Optimizing Hive Queries

This section describes optimizations related to Hive queries.

From Hive 3.1.1 (beta) onwards, Qubole supports merging small files at the end of MapReduce jobs and Tez DAGs.

AWS S3 Listing Optimization

As part of the split computation, Hive needs to list all files in the table’s S3 location. The implementation in Apache Hadoop for listing files in S3 is very slow. QDS incorporates optimizations to speed it up. The following parameter is enabled by default for an AWS implementation.

set fs.s3.inputpathprocessor=true;

Changing SerDe to DelimitedJSONSerDe for Results with Complex Datatypes

Qubole Hive converts all SELECT queries to INSERT-OVERWRITE-DIRECTORY (IOD) format to save results back to a Cloud location.

When writing data to a directory, Apache Hive uses LazySimpleSerde for serialization (writing) of results/data. But LazySimpleSerde does not honor a <key,value> structure and ignores keys. Honoring the keys plays an important role in displaying data-typed columns.

In Qubole Hive, setting hive.qubole.directory.serde=org.apache.hadoop.hive.serde2.DelimitedJSONSerDe changes the SerDe to DelimitedJSONSerDe, which honors more complex datatypes such as Maps and Arrays. This configuration when set, helps you to view and use query results with complex datatypes correctly.

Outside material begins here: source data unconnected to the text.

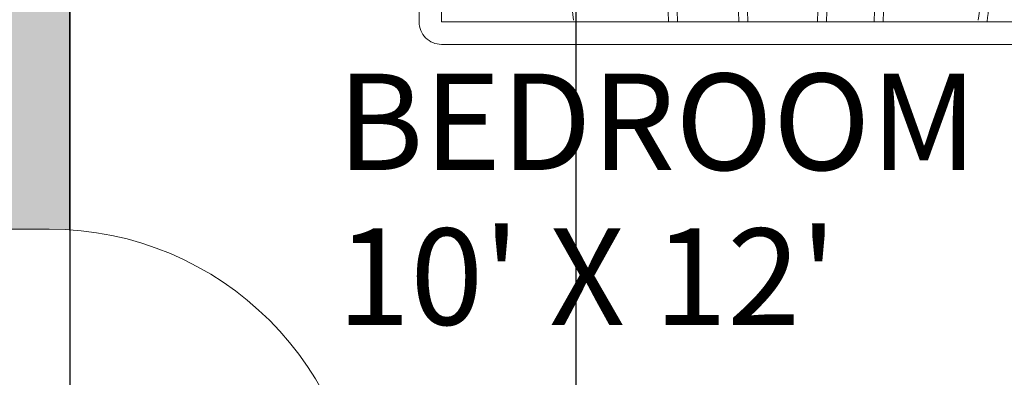
# Model space of a CAD drawing. Units: inches. Extents: x 1763 to 2368, y 1500 to 2097.
# Tile 17 of 24: x 2079 to 2152, y 1856 to 1882. Entities that reach past the tile are written whole.
import ezdxf

# ---------------------------------------------------------------- set-up
doc = ezdxf.new("R2010")
doc.units = ezdxf.units.IN
for name, color, linetype, lineweight in [('A-ANNO-DIMS', 2, 'Continuous', 18), ('A-AREA-IDEN', 7, 'Continuous', 18), ('A-DOOR', 4, 'Continuous', 18), ('A-FURN', 8, 'Continuous', 18), ('A-WALL', 7, 'Continuous', 35), ('A-WALL-PATT', 7, 'Continuous', 13)]:
    doc.layers.add(name, color=color, linetype=linetype, lineweight=lineweight)
doc.styles.get("Standard").update_dxf_attribs({"font": 'arial.ttf'})
doc.dimstyles.new('ISO-25', dxfattribs={"dimtxt": 12.5, "dimasz": 2.5, "dimexe": 1.25, "dimexo": 0.625, "dimtad": 1, "dimdec": 0, "dimlunit": 4, "dimtxsty": 'Standard', "dimblk": 'ARCHTICK', "dimcen": 2.5, "dimclrd": 3, "dimclrt": 4, "dimadec": 0, "dimazin": 0, "dimtfac": 1, "dimtdec": 0, "dimtmove": 0, "dimatfit": 3, "dimfxl": 1, "dimarcsym": 0})

# ---------------------------------------------------------------- blocks, each defined once
blk = doc.blocks.new('A$C77DF40FE')
for p, q in [((2.0097, 2.6214), (2.0097, 0.6344)), ((2.0597, 2.6214), (2.0597, 0.6344)), ((2.0097, 0.6344), (0.5839, 0.6344)), ((2.0097, 0.5844), (0.5839, 0.5844))]:
    blk.add_line(p, q)
for centre, radius, start, end in [((1.3142, -3.5764), 5.4671, 82.7025, 83.4474), ((1.3142, -3.5764), 5.4471, 82.7025, 83.5609), ((1.4138, -15.5462), 17.172, 88.01473, 92.775), ((1.4138, -15.5462), 17.152, 88.01473, 92.775), ((1.4138, -15.6721), 17.172, 88.01473, 92.775), ((1.4138, -15.6721), 17.152, 88.01473, 92.775), ((1.4138, 18.4566), 17.152, 267.225, 271.98527), ((1.4138, 18.4566), 17.172, 267.225, 271.98527), ((1.4138, 18.3004), 17.152, 267.225, 271.98527), ((1.4138, 18.3004), 17.172, 267.225, 271.98527), ((1.3142, 6.3306), 5.4471, 262.3076, 277.2975), ((2.0097, 0.6344), 0.05, 270, 0)]:
    blk.add_arc(centre, radius, start, end)
blk = doc.blocks.new('*U3')
for p, q in [((0, 0), (0, -6)), ((40, 0), (40, -6))]:
    blk.add_line(p, q)
blk.add_lwpolyline([(0, 0), (0, 40), (1.75, 40), (1.75, 0)], close=True)
blk.add_arc((0, 0), 40, 0, 90)
blk = doc.blocks.new('_ArchTick')
at = {"color": 0, "linetype": 'ByBlock', "const_width": 0.15}
blk.add_lwpolyline([(-0.5, -0.5), (0.5, 0.5)], dxfattribs=at)
blk = doc.blocks.new('*D34')
at = {"layer": 'A-ANNO-DIMS', "color": 0, "lineweight": -2, "transparency": 16777216}
for p, q in [((2001.644, 1895.481), (2001.644, 1892.281)), ((2013.092, 1895.481), (2013.092, 1892.281))]:
    blk.add_line(p, q, dxfattribs=at)
at = {"layer": 'A-ANNO-DIMS', "color": 3, "lineweight": -2, "transparency": 16777216}
for p, q in [((2001.644, 1893.531), (2013.092, 1893.531)), ((2013.092, 1893.531), (2131.874, 1893.531))]:
    blk.add_line(p, q, dxfattribs=at)
at = {"layer": 'Defpoints', "color": 0, "transparency": 16777216}
for p in [(2001.644, 1896.106), (2013.092, 1896.106), (2013.092, 1893.531)]:
    blk.add_point(p, dxfattribs=at)
at = {"layer": 'A-ANNO-DIMS', "color": 3, "lineweight": -2, "transparency": 16777216, "xscale": 2.5, "yscale": 2.5, "zscale": 2.5, "rotation": 180}
blk.add_blockref('_ArchTick', (2001.644, 1893.531), dxfattribs=at)
at = {"layer": 'A-ANNO-DIMS', "color": 3, "lineweight": -2, "transparency": 16777216, "xscale": 2.5, "yscale": 2.5, "zscale": 2.5}
blk.add_blockref('_ArchTick', (2013.092, 1893.531), dxfattribs=at)
at = {"layer": 'A-ANNO-DIMS', "color": 4, "transparency": 16777216, "insert": (2073.733, 1900.619), "char_height": 12.5, "attachment_point": 5}
blk.add_mtext('0\'-11 1/2" TYP.', dxfattribs=at)
blk = doc.blocks.new('*D62')
at = {"layer": 'A-ANNO-DIMS', "color": 0, "lineweight": -2, "transparency": 16777216}
for p, q in [((2083.092, 1980.648), (2083.092, 1509.906)), ((2120.612, 1980.648), (2120.612, 1509.906))]:
    blk.add_line(p, q, dxfattribs=at)
at = {"layer": 'A-ANNO-DIMS', "color": 3, "lineweight": -2, "transparency": 16777216}
for p, q in [((2083.092, 1511.156), (2120.612, 1511.156)), ((2120.612, 1511.156), (2186.709, 1511.156))]:
    blk.add_line(p, q, dxfattribs=at)
at = {"layer": 'Defpoints', "color": 0, "transparency": 16777216}
for p in [(2083.092, 1981.273), (2120.612, 1981.273), (2120.612, 1511.156)]:
    blk.add_point(p, dxfattribs=at)
at = {"layer": 'A-ANNO-DIMS', "color": 3, "lineweight": -2, "transparency": 16777216, "xscale": 2.5, "yscale": 2.5, "zscale": 2.5, "rotation": 180}
blk.add_blockref('_ArchTick', (2083.092, 1511.156), dxfattribs=at)
at = {"layer": 'A-ANNO-DIMS', "color": 3, "lineweight": -2, "transparency": 16777216, "xscale": 2.5, "yscale": 2.5, "zscale": 2.5}
blk.add_blockref('_ArchTick', (2120.612, 1511.156), dxfattribs=at)
at = {"layer": 'A-ANNO-DIMS', "color": 4, "transparency": 16777216, "insert": (2154.91, 1518.249), "char_height": 12.5, "attachment_point": 5}
blk.add_mtext('3\'-1 1/2"', dxfattribs=at)
blk = doc.blocks.new('*D71')
at = {"layer": 'A-ANNO-DIMS', "color": 0, "lineweight": -2, "transparency": 16777216}
for p, q in [((2049.686, 1879.648), (2049.686, 1509.906)), ((2072.785, 1879.648), (2072.785, 1509.906))]:
    blk.add_line(p, q, dxfattribs=at)
at = {"layer": 'A-ANNO-DIMS', "color": 3, "lineweight": -2, "transparency": 16777216}
for p, q in [((2049.686, 1511.156), (2072.785, 1511.156)), ((2072.785, 1511.156), (2118.298, 1511.156))]:
    blk.add_line(p, q, dxfattribs=at)
at = {"layer": 'Defpoints', "color": 0, "transparency": 16777216}
for p in [(2049.686, 1880.273), (2072.785, 1880.273), (2072.785, 1511.156)]:
    blk.add_point(p, dxfattribs=at)
at = {"layer": 'A-ANNO-DIMS', "color": 3, "lineweight": -2, "transparency": 16777216, "xscale": 2.5, "yscale": 2.5, "zscale": 2.5, "rotation": 180}
blk.add_blockref('_ArchTick', (2049.686, 1511.156), dxfattribs=at)
at = {"layer": 'A-ANNO-DIMS', "color": 3, "lineweight": -2, "transparency": 16777216, "xscale": 2.5, "yscale": 2.5, "zscale": 2.5}
blk.add_blockref('_ArchTick', (2072.785, 1511.156), dxfattribs=at)
at = {"layer": 'A-ANNO-DIMS', "color": 4, "transparency": 16777216, "insert": (2096.791, 1518.057), "char_height": 12.5, "attachment_point": 5}
blk.add_mtext('1\'-11"', dxfattribs=at)

msp = doc.modelspace()

# ---------------------------------------------------------------- hatches: boundary and pattern name
at = {"layer": 'A-WALL-PATT'}
h = msp.add_hatch(color=256, dxfattribs=at)
h.dxf.hatch_style = 1
h.paths.add_polyline_path([(1838.092, 2034.273), (1838.092, 2043.273), (1829.092, 2043.273), (1829.092, 1953.387), (1838.092, 1953.387)])
h.paths.add_polyline_path([(1838.092, 1913.101), (1829.092, 1913.101), (1829.092, 1862.202), (1838.092, 1862.202)])
h.paths.add_polyline_path([(1838.092, 1825.59), (1829.092, 1825.59), (1829.092, 1738.643), (1838.092, 1738.643)])
h.paths.add_polyline_path([(1895.592, 1885.273), (1838.092, 1885.273), (1838.092, 1880.273), (1895.592, 1880.273)])
h.paths.add_polyline_path([(1857.389, 1784.273), (1838.092, 1784.273), (1838.092, 1779.273), (1857.389, 1779.273)])
h.paths.add_polyline_path([(1958.092, 1981.273), (1971.455, 1981.273), (1971.455, 1986.273), (1968.568, 1986.273), (1958.092, 1986.273), (1953.092, 1986.273), (1927.39, 1986.273), (1927.39, 1981.273), (1953.092, 1981.273), (1953.092, 1885.273), (1932.014, 1885.273), (1932.014, 1880.273), (1959.134, 1880.273), (1959.134, 1883.738), (1959.134, 1885.273), (1958.092, 1885.273)])
h.paths.add_polyline_path([(2018.092, 1981.273), (2031.019, 1981.273), (2031.019, 1986.273), (2018.092, 1986.273), (2013.092, 1986.273), (2001.233, 1986.273), (2001.233, 1981.273), (2013.092, 1981.273), (2013.092, 1885.273), (1982.182, 1885.273, -0.016629), (1982.233, 1883.738), (1982.233, 1880.273), (2049.686, 1880.273), (2049.686, 1883.738, -0.016629), (2049.737, 1885.273), (2018.092, 1885.273)])
h.paths.add_polyline_path([(2083.092, 1981.273), (2120.612, 1981.273), (2120.612, 1986.273), (2083.092, 1986.273), (2078.092, 1986.273), (2063.143, 1986.273), (2063.143, 1981.273), (2078.092, 1981.273), (2078.092, 1885.273), (2072.785, 1885.273), (2072.785, 1883.738), (2072.785, 1880.273), (2078.092, 1880.273), (2078.092, 1866.867), (2081.557, 1866.867, -0.016629), (2083.092, 1866.816)])
h.paths.add_polyline_path([(1871.675, 1635.273), (1838.092, 1635.273), (1838.092, 1626.273), (1871.675, 1626.273)], flags=17)
h.paths.add_polyline_path([(2100.577, 1688.273), (2060.092, 1688.273), (2060.092, 1679.273), (2100.577, 1679.273)], flags=17)
h.paths.add_polyline_path([(2180.092, 1688.273), (2148.744, 1688.273), (2148.744, 1679.273), (2180.092, 1679.273)], flags=17)
h.paths.add_polyline_path([(2189.092, 1746.219), (2180.092, 1746.219), (2180.092, 1743.417), (2180.123, 1743.417), (2180.123, 1726.723), (2180.092, 1572.273), (2034.907, 1572.273), (2034.907, 1565.601), (2034.907, 1563.273), (2189.092, 1563.273)])
h.paths.add_polyline_path([(2060.092, 1802.347, -0.016629), (2058.557, 1802.296), (2055.092, 1802.296), (2055.092, 1635.273), (2042.484, 1635.273), (2042.484, 1629.738), (2042.484, 1626.273), (2055.092, 1626.273), (2055.092, 1599.273), (2040.269, 1599.273), (2040.269, 1590.273), (2060.092, 1590.273)])
h.paths.add_polyline_path([(2019.385, 1629.738, -0.060569), (2020.058, 1635.273), (1995.092, 1635.273), (1990.092, 1635.273), (1927.075, 1635.273), (1927.075, 1626.273), (1990.092, 1626.273), (1990.092, 1590.273), (1995.092, 1590.273), (2005.195, 1590.273), (2005.195, 1599.273), (1995.092, 1599.273), (1995.092, 1626.273), (2019.385, 1626.273)])
edge = h.paths.add_edge_path()
edge.add_line((2180.092, 1837.273), (2167.198, 1837.273))
edge.add_spline(control_points=[(2167.198, 1837.273), (2167.191, 1837.271), (2167.183, 1837.271), (2167.176, 1837.273)], knot_values=[168.955493, 168.955493, 168.955493, 168.955493, 169.065871, 169.065871, 169.065871, 169.065871], degree=3, periodic=0)
edge.add_spline(control_points=[(2167.176, 1837.273), (2166.556, 1837.377), (2166.326, 1846.161), (2165.708, 1846.244)], knot_values=[159.864705, 159.864705, 159.864705, 159.864705, 168.955493, 168.955493, 168.955493, 168.955493], degree=3, periodic=0)
edge.add_line((2167.122, 1837.273), (2163.16, 1837.273))
edge.add_spline(control_points=[(2163.16, 1837.273), (2163.158, 1837.273), (2163.156, 1837.273), (2163.155, 1837.273)], knot_values=[150.537172, 150.537172, 150.537172, 150.537172, 150.553797, 150.553797, 150.553797, 150.553797], degree=3, periodic=0)
edge.add_spline(control_points=[(2163.155, 1837.273), (2162.29, 1837.289), (2161.594, 1846.232), (2160.878, 1846.244)], knot_values=[141.293426, 141.293426, 141.293426, 141.293426, 150.537172, 150.537172, 150.537172, 150.537172], degree=3, periodic=0)
edge.add_line((2163.075, 1837.273), (2158.7, 1837.273))
edge.add_spline(control_points=[(2158.7, 1837.273), (2158.698, 1837.273), (2158.697, 1837.273), (2158.696, 1837.273)], knot_values=[132.033544, 132.033544, 132.033544, 132.033544, 132.049151, 132.049151, 132.049151, 132.049151], degree=3, periodic=0)
edge.add_spline(control_points=[(2158.696, 1837.273), (2157.972, 1837.288), (2157.262, 1846.233), (2156.393, 1846.244)], knot_values=[122.786021, 122.786021, 122.786021, 122.786021, 132.033544, 132.033544, 132.033544, 132.033544], degree=3, periodic=0)
edge.add_line((2158.629, 1837.273), (2153.839, 1837.273))
edge.add_spline(control_points=[(2153.839, 1837.273), (2153.831, 1837.271), (2153.823, 1837.271), (2153.816, 1837.273)], knot_values=[113.451585, 113.451585, 113.451585, 113.451585, 113.562103, 113.562103, 113.562103, 113.562103], degree=3, periodic=0)
edge.add_spline(control_points=[(2153.816, 1837.273), (2153.17, 1837.378), (2152.878, 1846.191), (2152.404, 1846.244)], knot_values=[0, 0, 0, 0, 9.081854, 9.081854, 9.081854, 9.081854], degree=3, periodic=0)
edge.add_line((2153.76, 1837.273), (2150.391, 1837.273))
edge.add_spline(control_points=[(2150.391, 1837.273), (2150.381, 1837.272), (2150.371, 1837.272), (2150.361, 1837.273)], knot_values=[95.069382, 95.069382, 95.069382, 95.069382, 95.17519, 95.17519, 95.17519, 95.17519], degree=3, periodic=0)
edge.add_spline(control_points=[(2150.361, 1837.273), (2149.487, 1837.373), (2148.419, 1846.194), (2147.589, 1846.244)], knot_values=[85.824599, 85.824599, 85.824599, 85.824599, 95.069382, 95.069382, 95.069382, 95.069382], degree=3, periodic=0)
edge.add_line((2150.286, 1837.273), (2145.43, 1837.273))
edge.add_spline(control_points=[(2145.43, 1837.273), (2145.426, 1837.273), (2145.423, 1837.273), (2145.419, 1837.273)], knot_values=[76.505559, 76.505559, 76.505559, 76.505559, 76.547811, 76.547811, 76.547811, 76.547811], degree=3, periodic=0)
edge.add_spline(control_points=[(2145.419, 1837.273), (2144.684, 1837.313), (2143.804, 1846.194), (2142.948, 1846.244)], knot_values=[67.23945, 67.23945, 67.23945, 67.23945, 76.505559, 76.505559, 76.505559, 76.505559], degree=3, periodic=0)
edge.add_line((2145.353, 1837.273), (2134.57, 1837.273))
edge.add_spline(control_points=[(2134.57, 1837.273), (2134.567, 1837.272), (2134.563, 1837.272), (2134.56, 1837.273)], knot_values=[39.001463, 39.001463, 39.001463, 39.001463, 39.045107, 39.045107, 39.045107, 39.045107], degree=3, periodic=0)
edge.add_spline(control_points=[(2134.56, 1837.273), (2133.872, 1837.313), (2133.397, 1845.853), (2132.328, 1846.244)], knot_values=[29.79778, 29.79778, 29.79778, 29.79778, 39.001463, 39.001463, 39.001463, 39.001463], degree=3, periodic=0)
edge.add_line((2134.498, 1837.273), (2128.075, 1837.273))
edge.add_spline(control_points=[(2128.075, 1837.273), (2128.026, 1837.26), (2127.978, 1837.26), (2127.931, 1837.273)], knot_values=[19.482067, 19.482067, 19.482067, 19.482067, 19.869396, 19.869396, 19.869396, 19.869396], degree=3, periodic=0)
edge.add_spline(control_points=[(2125.013, 1846.244), (2126.165, 1844.663), (2126.821, 1837.57), (2127.931, 1837.273)], knot_values=[10.389805, 10.389805, 10.389805, 10.389805, 19.482067, 19.482067, 19.482067, 19.482067], degree=3, periodic=0)
edge.add_line((2127.931, 1837.273), (2083.092, 1837.273))
edge.add_line((2083.092, 1837.273), (2083.092, 1843.768))
edge.add_line((2083.092, 1843.768), (2081.557, 1843.768))
edge.add_line((2081.557, 1843.768), (2078.092, 1843.768))
edge.add_line((2078.092, 1843.768), (2078.092, 1837.273))
edge.add_line((2078.092, 1837.273), (2055.092, 1837.273))
edge.add_line((2055.092, 1837.273), (2055.092, 1825.395))
edge.add_line((2055.092, 1825.395), (2058.557, 1825.395))
edge.add_line((2058.557, 1825.395), (2060.092, 1825.395))
edge.add_line((2060.092, 1825.395), (2060.092, 1832.273))
edge.add_line((2060.092, 1832.273), (2122.437, 1832.273))
edge.add_spline(control_points=[(2122.437, 1832.273), (2122.727, 1832.584), (2123.008, 1832.617), (2123.275, 1832.273)], knot_values=[5.972033, 5.972033, 5.972033, 5.972033, 8.057258, 8.057258, 8.057258, 8.057258], degree=3, periodic=0)
edge.add_line((2123.275, 1832.273), (2137.951, 1832.273))
edge.add_spline(control_points=[(2137.951, 1832.273), (2137.961, 1832.274), (2137.971, 1832.274), (2137.98, 1832.273)], knot_values=[53.926862, 53.926862, 53.926862, 53.926862, 54.030075, 54.030075, 54.030075, 54.030075], degree=3, periodic=0)
edge.add_spline(control_points=[(2139.716, 1825.016), (2139.281, 1825.062), (2138.671, 1832.176), (2137.98, 1832.273)], knot_values=[54.030075, 54.030075, 54.030075, 54.030075, 61.445194, 61.445194, 61.445194, 61.445194], degree=3, periodic=0)
edge.add_line((2138.045, 1832.273), (2140.962, 1832.273))
edge.add_spline(control_points=[(2140.962, 1832.273), (2140.971, 1832.274), (2140.98, 1832.274), (2140.988, 1832.273)], knot_values=[68.854182, 68.854182, 68.854182, 68.854182, 68.971237, 68.971237, 68.971237, 68.971237], degree=3, periodic=0)
edge.add_spline(control_points=[(2143.19, 1825.016), (2142.436, 1825.065), (2141.561, 1832.162), (2140.988, 1832.273)], knot_values=[68.971237, 68.971237, 68.971237, 68.971237, 76.444911, 76.444911, 76.444911, 76.444911], degree=3, periodic=0)
edge.add_line((2141.041, 1832.273), (2145.43, 1832.273))
edge.add_spline(control_points=[(2145.43, 1832.273), (2145.439, 1832.274), (2145.448, 1832.274), (2145.458, 1832.273)], knot_values=[84.039047, 84.039047, 84.039047, 84.039047, 84.124041, 84.124041, 84.124041, 84.124041], degree=3, periodic=0)
edge.add_spline(control_points=[(2148.108, 1825.016), (2147.34, 1825.02), (2146.303, 1832.193), (2145.458, 1832.273)], knot_values=[84.124041, 84.124041, 84.124041, 84.124041, 91.773891, 91.773891, 91.773891, 91.773891], degree=3, periodic=0)
edge.add_line((2145.538, 1832.273), (2150.393, 1832.273))
edge.add_spline(control_points=[(2150.393, 1832.273), (2150.419, 1832.277), (2150.445, 1832.277), (2150.472, 1832.273)], knot_values=[99.381577, 99.381577, 99.381577, 99.381577, 99.573457, 99.573457, 99.573457, 99.573457], degree=3, periodic=0)
edge.add_spline(control_points=[(2153.974, 1825.016), (2153.093, 1825.281), (2151.529, 1832.103), (2150.472, 1832.273)], knot_values=[99.573457, 99.573457, 99.573457, 99.573457, 107.218357, 107.218357, 107.218357, 107.218357], degree=3, periodic=0)
edge.add_line((2150.568, 1832.273), (2155.598, 1832.273))
edge.add_spline(control_points=[(2155.598, 1832.273), (2155.605, 1832.273), (2155.611, 1832.273), (2155.618, 1832.273)], knot_values=[114.933058, 114.933058, 114.933058, 114.933058, 115.013624, 115.013624, 115.013624, 115.013624], degree=3, periodic=0)
edge.add_spline(control_points=[(2158.285, 1825.016), (2157.395, 1825.074), (2156.252, 1832.197), (2155.618, 1832.273)], knot_values=[115.013624, 115.013624, 115.013624, 115.013624, 122.616269, 122.616269, 122.616269, 122.616269], degree=3, periodic=0)
edge.add_line((2155.678, 1832.273), (2165.195, 1832.273))
edge.add_spline(control_points=[(2165.195, 1832.273), (2165.198, 1832.273), (2165.201, 1832.273), (2165.204, 1832.273)], knot_values=[145.488477, 145.488477, 145.488477, 145.488477, 145.516379, 145.516379, 145.516379, 145.516379], degree=3, periodic=0)
edge.add_spline(control_points=[(2167.446, 1825.016), (2166.961, 1825.022), (2166.056, 1832.246), (2165.204, 1832.273)], knot_values=[145.516379, 145.516379, 145.516379, 145.516379, 153.105469, 153.105469, 153.105469, 153.105469], degree=3, periodic=0)
edge.add_line((2165.29, 1832.273), (2168.928, 1832.273))
edge.add_spline(control_points=[(2168.928, 1832.273), (2168.982, 1832.293), (2169.038, 1832.293), (2169.096, 1832.273)], knot_values=[160.517439, 160.517439, 160.517439, 160.517439, 160.939723, 160.939723, 160.939723, 160.939723], degree=3, periodic=0)
edge.add_spline(control_points=[(2171.086, 1828.645), (2170.355, 1830.369), (2169.624, 1832.094), (2169.096, 1832.273)], knot_values=[160.939723, 160.939723, 160.939723, 160.939723, 164.738835, 164.738835, 164.738835, 164.738835], degree=3, periodic=0)
edge.add_line((2169.096, 1832.273), (2180.092, 1832.273))
edge.add_line((2180.092, 1832.273), (2180.092, 1837.273))
h.paths.add_polyline_path([(2189.092, 1885.523), (2180.092, 1885.523), (2180.092, 1813.317), (2180.123, 1813.317), (2180.123, 1796.623), (2180.123, 1795.256), (2189.092, 1795.256)])
h.paths.add_polyline_path([(2180.092, 1986.273), (2166.28, 1986.273), (2166.28, 1981.273), (2180.092, 1981.273)])
h.paths.add_polyline_path([(2189.092, 2043.273), (2180.092, 2043.273), (2180.092, 2034.273), (2180.092, 1934.108), (2189.092, 1934.108)])
h.paths.add_polyline_path([(1838.092, 1681.592), (1829.092, 1681.592), (1829.092, 1563.273), (2003.864, 1563.273), (2003.864, 1565.601), (2003.864, 1572.273), (1838.092, 1572.273)])

# ---------------------------------------------------------------- linework, layer by layer
at = {"layer": 'A-WALL'}
msp.add_line((2083.092, 1866.816), (2083.092, 1981.273), dxfattribs=at)

# ---------------------------------------------------------------- block references
at = {"layer": 'A-DOOR', "xscale": -0.5774759422388936, "yscale": 0.5774759422388936, "zscale": 0.5774759422388936, "rotation": 270}
msp.add_blockref('*U3', (2081.557, 1843.768), dxfattribs=at)
at = {"layer": 'A-FURN', "xscale": 33.38694677217886, "yscale": 33.38694677217886, "zscale": 33.38694677217886, "rotation": 270}
msp.add_blockref('A$C77DF40FE', (2089.477, 1949.352), dxfattribs=at)

# ---------------------------------------------------------------- texts
at = {"layer": 'A-AREA-IDEN'}
for s, p in [('BEDROOM', (2102.919, 1871.258)), ("10' X 12'", (2102.919, 1859.765))]:
    msp.add_text(s, height=7.1545, dxfattribs=at).set_placement(p)

# ---------------------------------------------------------------- dimensions: what is measured, and where the dimension line sits
at = {"layer": 'A-ANNO-DIMS'}
for base, p1, p2, picture, middle in [((2120.612, 1511.156), (2083.092, 1981.273), (2120.612, 1981.273), '*D62', (2154.91, 1518.249)), ((2072.785, 1511.156), (2049.686, 1880.273), (2072.785, 1880.273), '*D71', (2096.791, 1518.057))]:
    dim = msp.add_linear_dim(base=base, p1=p1, p2=p2, dimstyle='ISO-25', override={"dimdec": 1, "dimlfac": 1, "dimrnd": 0, "dimzin": 1, "dimdsep": 46, "dimlunit": 4, "dimfrac": 2}, dxfattribs=at)
    dim.commit()
    dim.dimension.update_dxf_attribs({"geometry": picture, "text_midpoint": middle})
dim = msp.add_linear_dim(base=(2013.092, 1893.531), p1=(2001.644, 1896.106), p2=(2013.092, 1896.106), text='<> TYP.', dimstyle='ISO-25', override={"dimdec": 1, "dimlfac": 1, "dimrnd": 0, "dimzin": 1, "dimdsep": 46, "dimlunit": 4, "dimfrac": 2}, dxfattribs=at)
dim.commit()
dim.dimension.update_dxf_attribs({"geometry": '*D34', "text_midpoint": (2073.733, 1900.619)})

doc.saveas('drawing.dxf')

Handling Direct Writes of INSERT OVERWRITE Query Results

For INSERT OVERWRITE queries, Qubole Hive allows you to directly write the results to S3. While Apache Hive writes data to a temporary location and move them to S3. In S3, moving data is expensive (involves copy and delete operations). So, directly writing the INSERT OVERWRITE query results to S3 is an optimization that Qubole Hive offers you. However, there is an issue that you may face while writing INSERT OVERWRITE query results to S3 that is described below.

While writing to a partitioned and bucketed table using insert overwrite command, there is a good chance that multiple reducers simultaneously write the result file to a specific table’s location in S3. As it is an INSERT OVERWRITE command, the existing files written before the current job in the table’s location are deleted before the reducer tasks write new result files. In this situation, a scenario can occur where the delete request sent to S3 by one reduce task (say R1) gets throttled due to the S3 issue and by this time, another reduce task (say R2) deletes the old files and writes a new file. The delete request sent by reduce task R1 is now processed by S3 and it ends up deleting the file written by reduce task R2. To overcome this issue, Qubole provides an enhancement to avoid files from being deleted by reduce tasks. The enhancement is not enabled on the QDS account by default. To enable it on the account, create a ticket with Qubole Support.

When the enhancement is enabled, a prefix which is unique per job is added to the result files. This ensures that only old files which do not have the latest prefix are deleted. Thus it solves the data loss issue which can happen due to S3 throttling when multiple reducers try to simultaneously write query results.